仅在形状 geopandas 中获取值
Get values only within the shape geopandas
我有一个包含地理数据的大数据集。我只想提取与城市部分相关的数据。所以我需要创建一个形状并检查我的点是否在那里。
我尝试使用 :
积分
1)
turin.head() =
latitude longitude
0 44.9125 7.7432
21 45.0764 7.5249
22 45.0764 7.5249
23 45.0755 7.5248
24 45.0718 7.5236
2)
geometry = [Point(xy) for xy in zip(turin.longitude,turin.latitude)]
turin_point = gpd.GeoDataFrame(turin,crs=crs,geometry=geometry)
turin_point.head()
latitude longitude geometry
0 44.9125 7.7432 POINT (7.74320 44.91250)
21 45.0764 7.5249 POINT (7.52490 45.07640)
22 45.0764 7.5249 POINT (7.52490 45.07640)
23 45.0755 7.5248 POINT (7.52480 45.07550)
24 45.0718 7.5236 POINT (7.52360 45.07180)
边框
1)
border.head()
longitude latitude
0 7.577835 45.041828
1 7.579849 45.039877
2 7.580106 45.039628
3 7.580852 45.038576
4 7.580866 45.038556
2)
geometry2 = [Point(xy) for xy in zip(border.longitude,border.latitude)]
border_point = gpd.GeoDataFrame(border,crs=crs,geometry=geometry2)
border_point.head() =
longitude latitude geometry
0 7.577835 45.041828 POINT (7.57783 45.04183)
1 7.579849 45.039877 POINT (7.57985 45.03988)
2 7.580106 45.039628 POINT (7.58011 45.03963)
3 7.580852 45.038576 POINT (7.58085 45.03858)
4 7.580866 45.038556 POINT (7.58087 45.03856)
然后根据:
turin_final= border_point.geometry.unary_union
within_turin = turin_point[turin_point.geometry.within(turin_final)]
IndexError: too many indices for array
如果您想在边界内查找点,边界本身必须是多边形,而不是另一组点。

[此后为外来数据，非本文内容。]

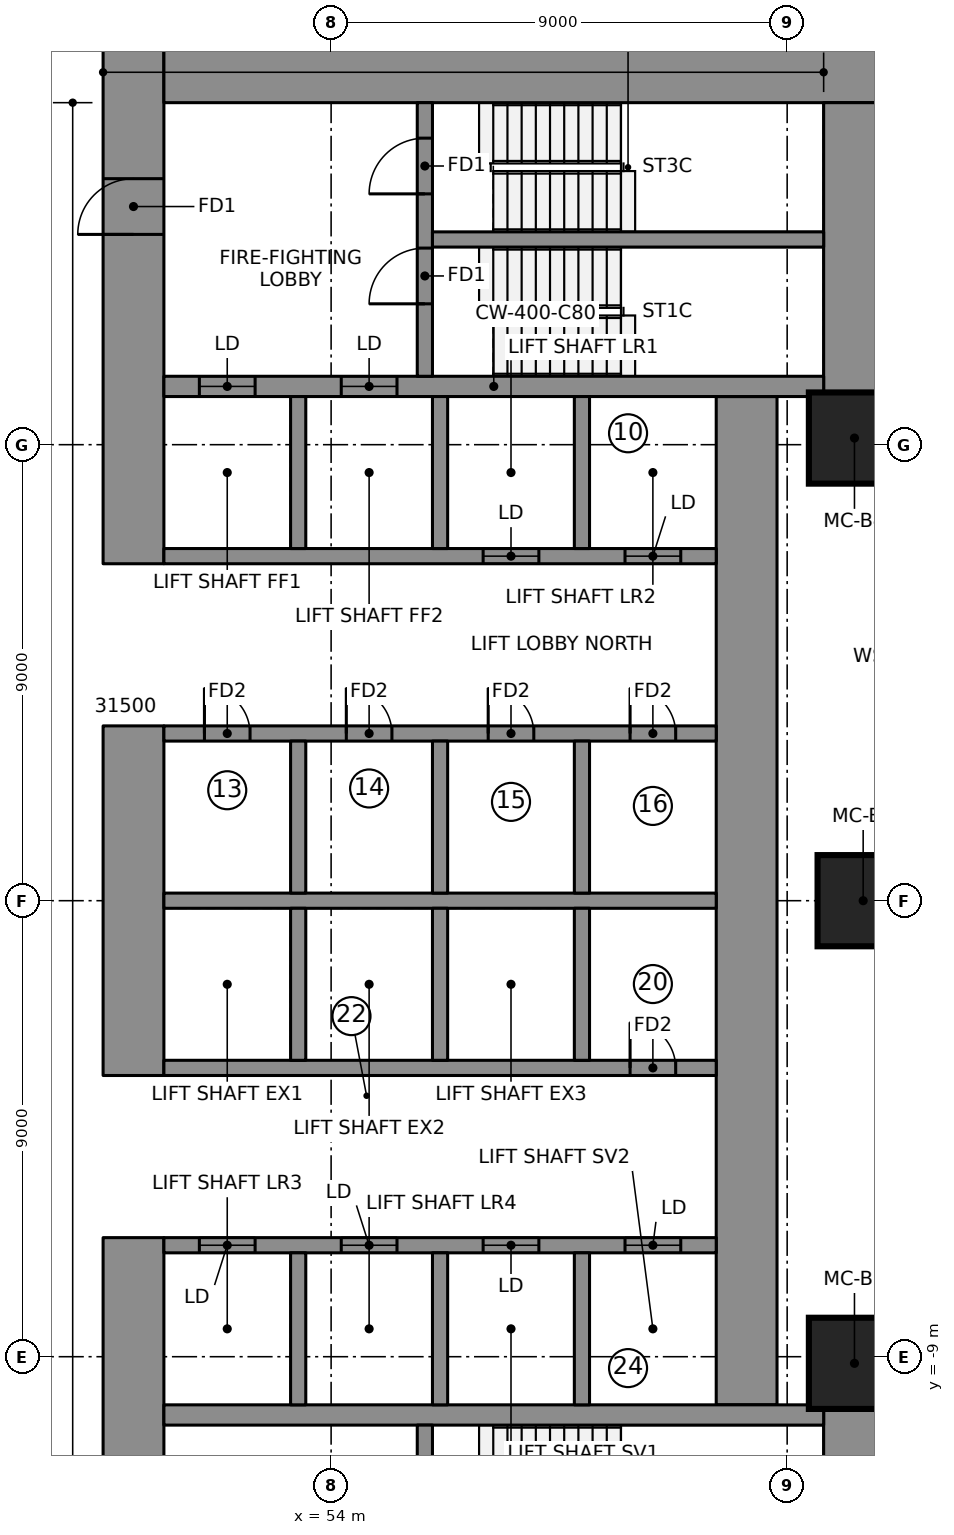
"""IFC4 building model, lengths in metres.
Left out: names, types, materials, properties, quantities, classifications, styles, units other than length and angle.
Written with IfcOpenShell. Run it as: python <this file> out.ifc"""

import sys

from ifc_helpers import new_model, si_unit, direction, frame, frame_2d, origin, origin_2d, place, context, subcontext, project, spatial, rectangle, extrude, element, fill, save


model = new_model("IFC4")
c1 = context("Model", 3, precision=1e-05, world=origin(), true_north=direction((0.0, 1.0)))
c2 = subcontext(c1, "Body", "Model", "MODEL_VIEW")
j1 = project(units=[si_unit("LENGTHUNIT", "METRE"), si_unit("PLANEANGLEUNIT", "RADIAN")], contexts=[c1])
p1 = place(None, origin())
s1 = spatial("IfcSite", under=j1, at=p1, CompositionType="ELEMENT")
p2 = place(p1, origin())
s2 = spatial("IfcBuilding", under=s1, at=p2, CompositionType="ELEMENT")
p3 = place(p2, frame((0.0, 0.0, 43.15)))
s3 = spatial("IfcBuildingStorey", under=s2, at=p3, CompositionType="ELEMENT", Elevation=43.15)
p4 = place(p3, frame((50.1, 6.65, 0.0), z_axis=(0.0, 0.0, 1.0), x_axis=(0.0, 1.0, 0.0)))
e1 = element("IfcWall", 1, at=p4, inside=s3, PredefinedType="SHEAR", context=c2, shape_type="SweptSolid", body=[
    extrude(rectangle(XDim=10.3, YDim=1.2, at=frame_2d((5.15, 0.0))), origin(), (0.0, 0.0, 1.0), 3.55),
])
p5 = place(p4, frame((6.5, 0.0, 0.0)))
e2 = element("IfcOpeningElement", 2, at=p5, cuts=e1, PredefinedType="OPENING", context=c2, shape_type="SweptSolid", body=[
    extrude(rectangle(XDim=1.1, YDim=2.1, at=frame_2d((0.55, 1.05))), frame((0.0, 0.61, 0.0), z_axis=(0.0, -1.0, 0.0), x_axis=(1.0, 0.0, 0.0)), (0.0, 0.0, 1.0), 1.22),
])
p6 = place(p3, frame((50.1, -3.45, 0.0), z_axis=(0.0, 0.0, 1.0), x_axis=(0.0, 1.0, 0.0)))
e3 = element("IfcWall", 3, at=p6, inside=s3, PredefinedType="SHEAR", context=c2, shape_type="SweptSolid", body=[
    extrude(rectangle(XDim=6.9, YDim=1.2, at=frame_2d((3.45, 0.0))), origin(), (0.0, 0.0, 1.0), 3.55),
])
p7 = place(p3, frame((50.1, -16.95, 0.0), z_axis=(0.0, 0.0, 1.0), x_axis=(0.0, 1.0, 0.0)))
e4 = element("IfcWall", 4, at=p7, inside=s3, PredefinedType="SHEAR", context=c2, shape_type="SweptSolid", body=[
    extrude(rectangle(XDim=10.3, YDim=1.2, at=frame_2d((5.15, 0.0))), origin(), (0.0, 0.0, 1.0), 3.55),
])
p8 = place(p7, frame((2.7, 0.0, 0.0)))
e5 = element("IfcOpeningElement", 5, at=p8, cuts=e4, PredefinedType="OPENING", context=c2, shape_type="SweptSolid", body=[
    extrude(rectangle(XDim=1.1, YDim=2.1, at=frame_2d((0.55, 1.05))), frame((0.0, 0.61, 0.0), z_axis=(0.0, -1.0, 0.0), x_axis=(1.0, 0.0, 0.0)), (0.0, 0.0, 1.0), 1.22),
])
p9 = place(p3, frame((50.7, 16.35, 0.0), z_axis=(0.0, 0.0, 1.0), x_axis=(1.0, 0.0, 0.0)))
e6 = element("IfcWall", 6, at=p9, inside=s3, PredefinedType="SHEAR", context=c2, shape_type="SweptSolid", body=[
    extrude(rectangle(XDim=14.22, YDim=1.2, at=frame_2d((7.11, 0.0))), origin(), (0.0, 0.0, 1.0), 3.55),
])
for number, where, z_axis, x_axis in (
    (7, (64.32, 9.95, 0.0), (0.0, 0.0, 1.0), (0.0, 1.0, 0.0)),
    (8, (64.32, -15.75, 0.0), (0.0, 0.0, 1.0), (0.0, 1.0, 0.0)),
):
    element("IfcWall", number, at=place(p3, frame(where, z_axis=z_axis, x_axis=x_axis)), inside=s3, PredefinedType="SHEAR", context=c2, shape_type="SweptSolid", body=[
        extrude(rectangle(XDim=5.8, YDim=1.2, at=frame_2d((2.9, 0.0))), origin(), (0.0, 0.0, 1.0), 3.55),
    ])
p10 = place(p3, frame((62.2, -9.95, 0.0), z_axis=(0.0, 0.0, 1.0), x_axis=(0.0, 1.0, 0.0)))
e9 = element("IfcWall", 9, at=p10, inside=s3, PredefinedType="SHEAR", context=c2, shape_type="SweptSolid", body=[
    extrude(rectangle(XDim=19.9, YDim=1.2, at=frame_2d((9.95, 0.0))), origin(), (0.0, 0.0, 1.0), 3.55),
])
p11 = place(p3, frame((50.7, 10.15, 0.0), z_axis=(0.0, 0.0, 1.0), x_axis=(1.0, 0.0, 0.0)))
e10 = element("IfcWall", 10, at=p11, inside=s3, PredefinedType="SHEAR", context=c2, shape_type="SweptSolid", body=[
    extrude(rectangle(XDim=13.02, YDim=0.4, at=frame_2d((6.51, 0.0))), origin(), (0.0, 0.0, 1.0), 3.55),
])
p12 = place(p11, frame((0.7, 0.0, 0.0)))
e11 = element("IfcOpeningElement", 11, at=p12, cuts=e10, PredefinedType="OPENING", context=c2, shape_type="SweptSolid", body=[
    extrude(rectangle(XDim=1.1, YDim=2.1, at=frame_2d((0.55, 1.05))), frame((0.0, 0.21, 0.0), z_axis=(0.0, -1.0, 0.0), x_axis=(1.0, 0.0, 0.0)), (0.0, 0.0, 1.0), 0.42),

如果边界点的坐标顺序正确,您可以尝试用这些替换最后两行:
from shapely.geometry import Polygon
turin_final = Polygon([[p.x, p.y] for p in border_point.geometry])
within_turin = turin_point[turin_point.geometry.within(turin_final)]
通常情况并非如此,但正如我从您的评论中了解到的那样,它已经解决了您的问题。
我有一个包含地理数据的大数据集。我只想提取与城市部分相关的数据。所以我需要创建一个形状并检查我的点是否在那里。
我尝试使用
积分
1)
turin.head() =
latitude longitude
0 44.9125 7.7432
21 45.0764 7.5249
22 45.0764 7.5249
23 45.0755 7.5248
24 45.0718 7.5236
2)
geometry = [Point(xy) for xy in zip(turin.longitude,turin.latitude)]
turin_point = gpd.GeoDataFrame(turin,crs=crs,geometry=geometry)
turin_point.head()
latitude longitude geometry
0 44.9125 7.7432 POINT (7.74320 44.91250)
21 45.0764 7.5249 POINT (7.52490 45.07640)
22 45.0764 7.5249 POINT (7.52490 45.07640)
23 45.0755 7.5248 POINT (7.52480 45.07550)
24 45.0718 7.5236 POINT (7.52360 45.07180)
边框
1)
border.head()
longitude latitude
0 7.577835 45.041828
1 7.579849 45.039877
2 7.580106 45.039628
3 7.580852 45.038576
4 7.580866 45.038556
2)
geometry2 = [Point(xy) for xy in zip(border.longitude,border.latitude)]
border_point = gpd.GeoDataFrame(border,crs=crs,geometry=geometry2)
border_point.head() =
longitude latitude geometry
0 7.577835 45.041828 POINT (7.57783 45.04183)
1 7.579849 45.039877 POINT (7.57985 45.03988)
2 7.580106 45.039628 POINT (7.58011 45.03963)
3 7.580852 45.038576 POINT (7.58085 45.03858)
4 7.580866 45.038556 POINT (7.58087 45.03856)
然后根据:
turin_final= border_point.geometry.unary_union
within_turin = turin_point[turin_point.geometry.within(turin_final)]
IndexError: too many indices for array
如果您想在边界内查找点,边界本身必须是多边形,而不是另一组点。如果边界点的坐标顺序正确,您可以尝试用这些替换最后两行:
from shapely.geometry import Polygon
turin_final = Polygon([[p.x, p.y] for p in border_point.geometry])
within_turin = turin_point[turin_point.geometry.within(turin_final)]
通常情况并非如此,但正如我从您的评论中了解到的那样,它已经解决了您的问题。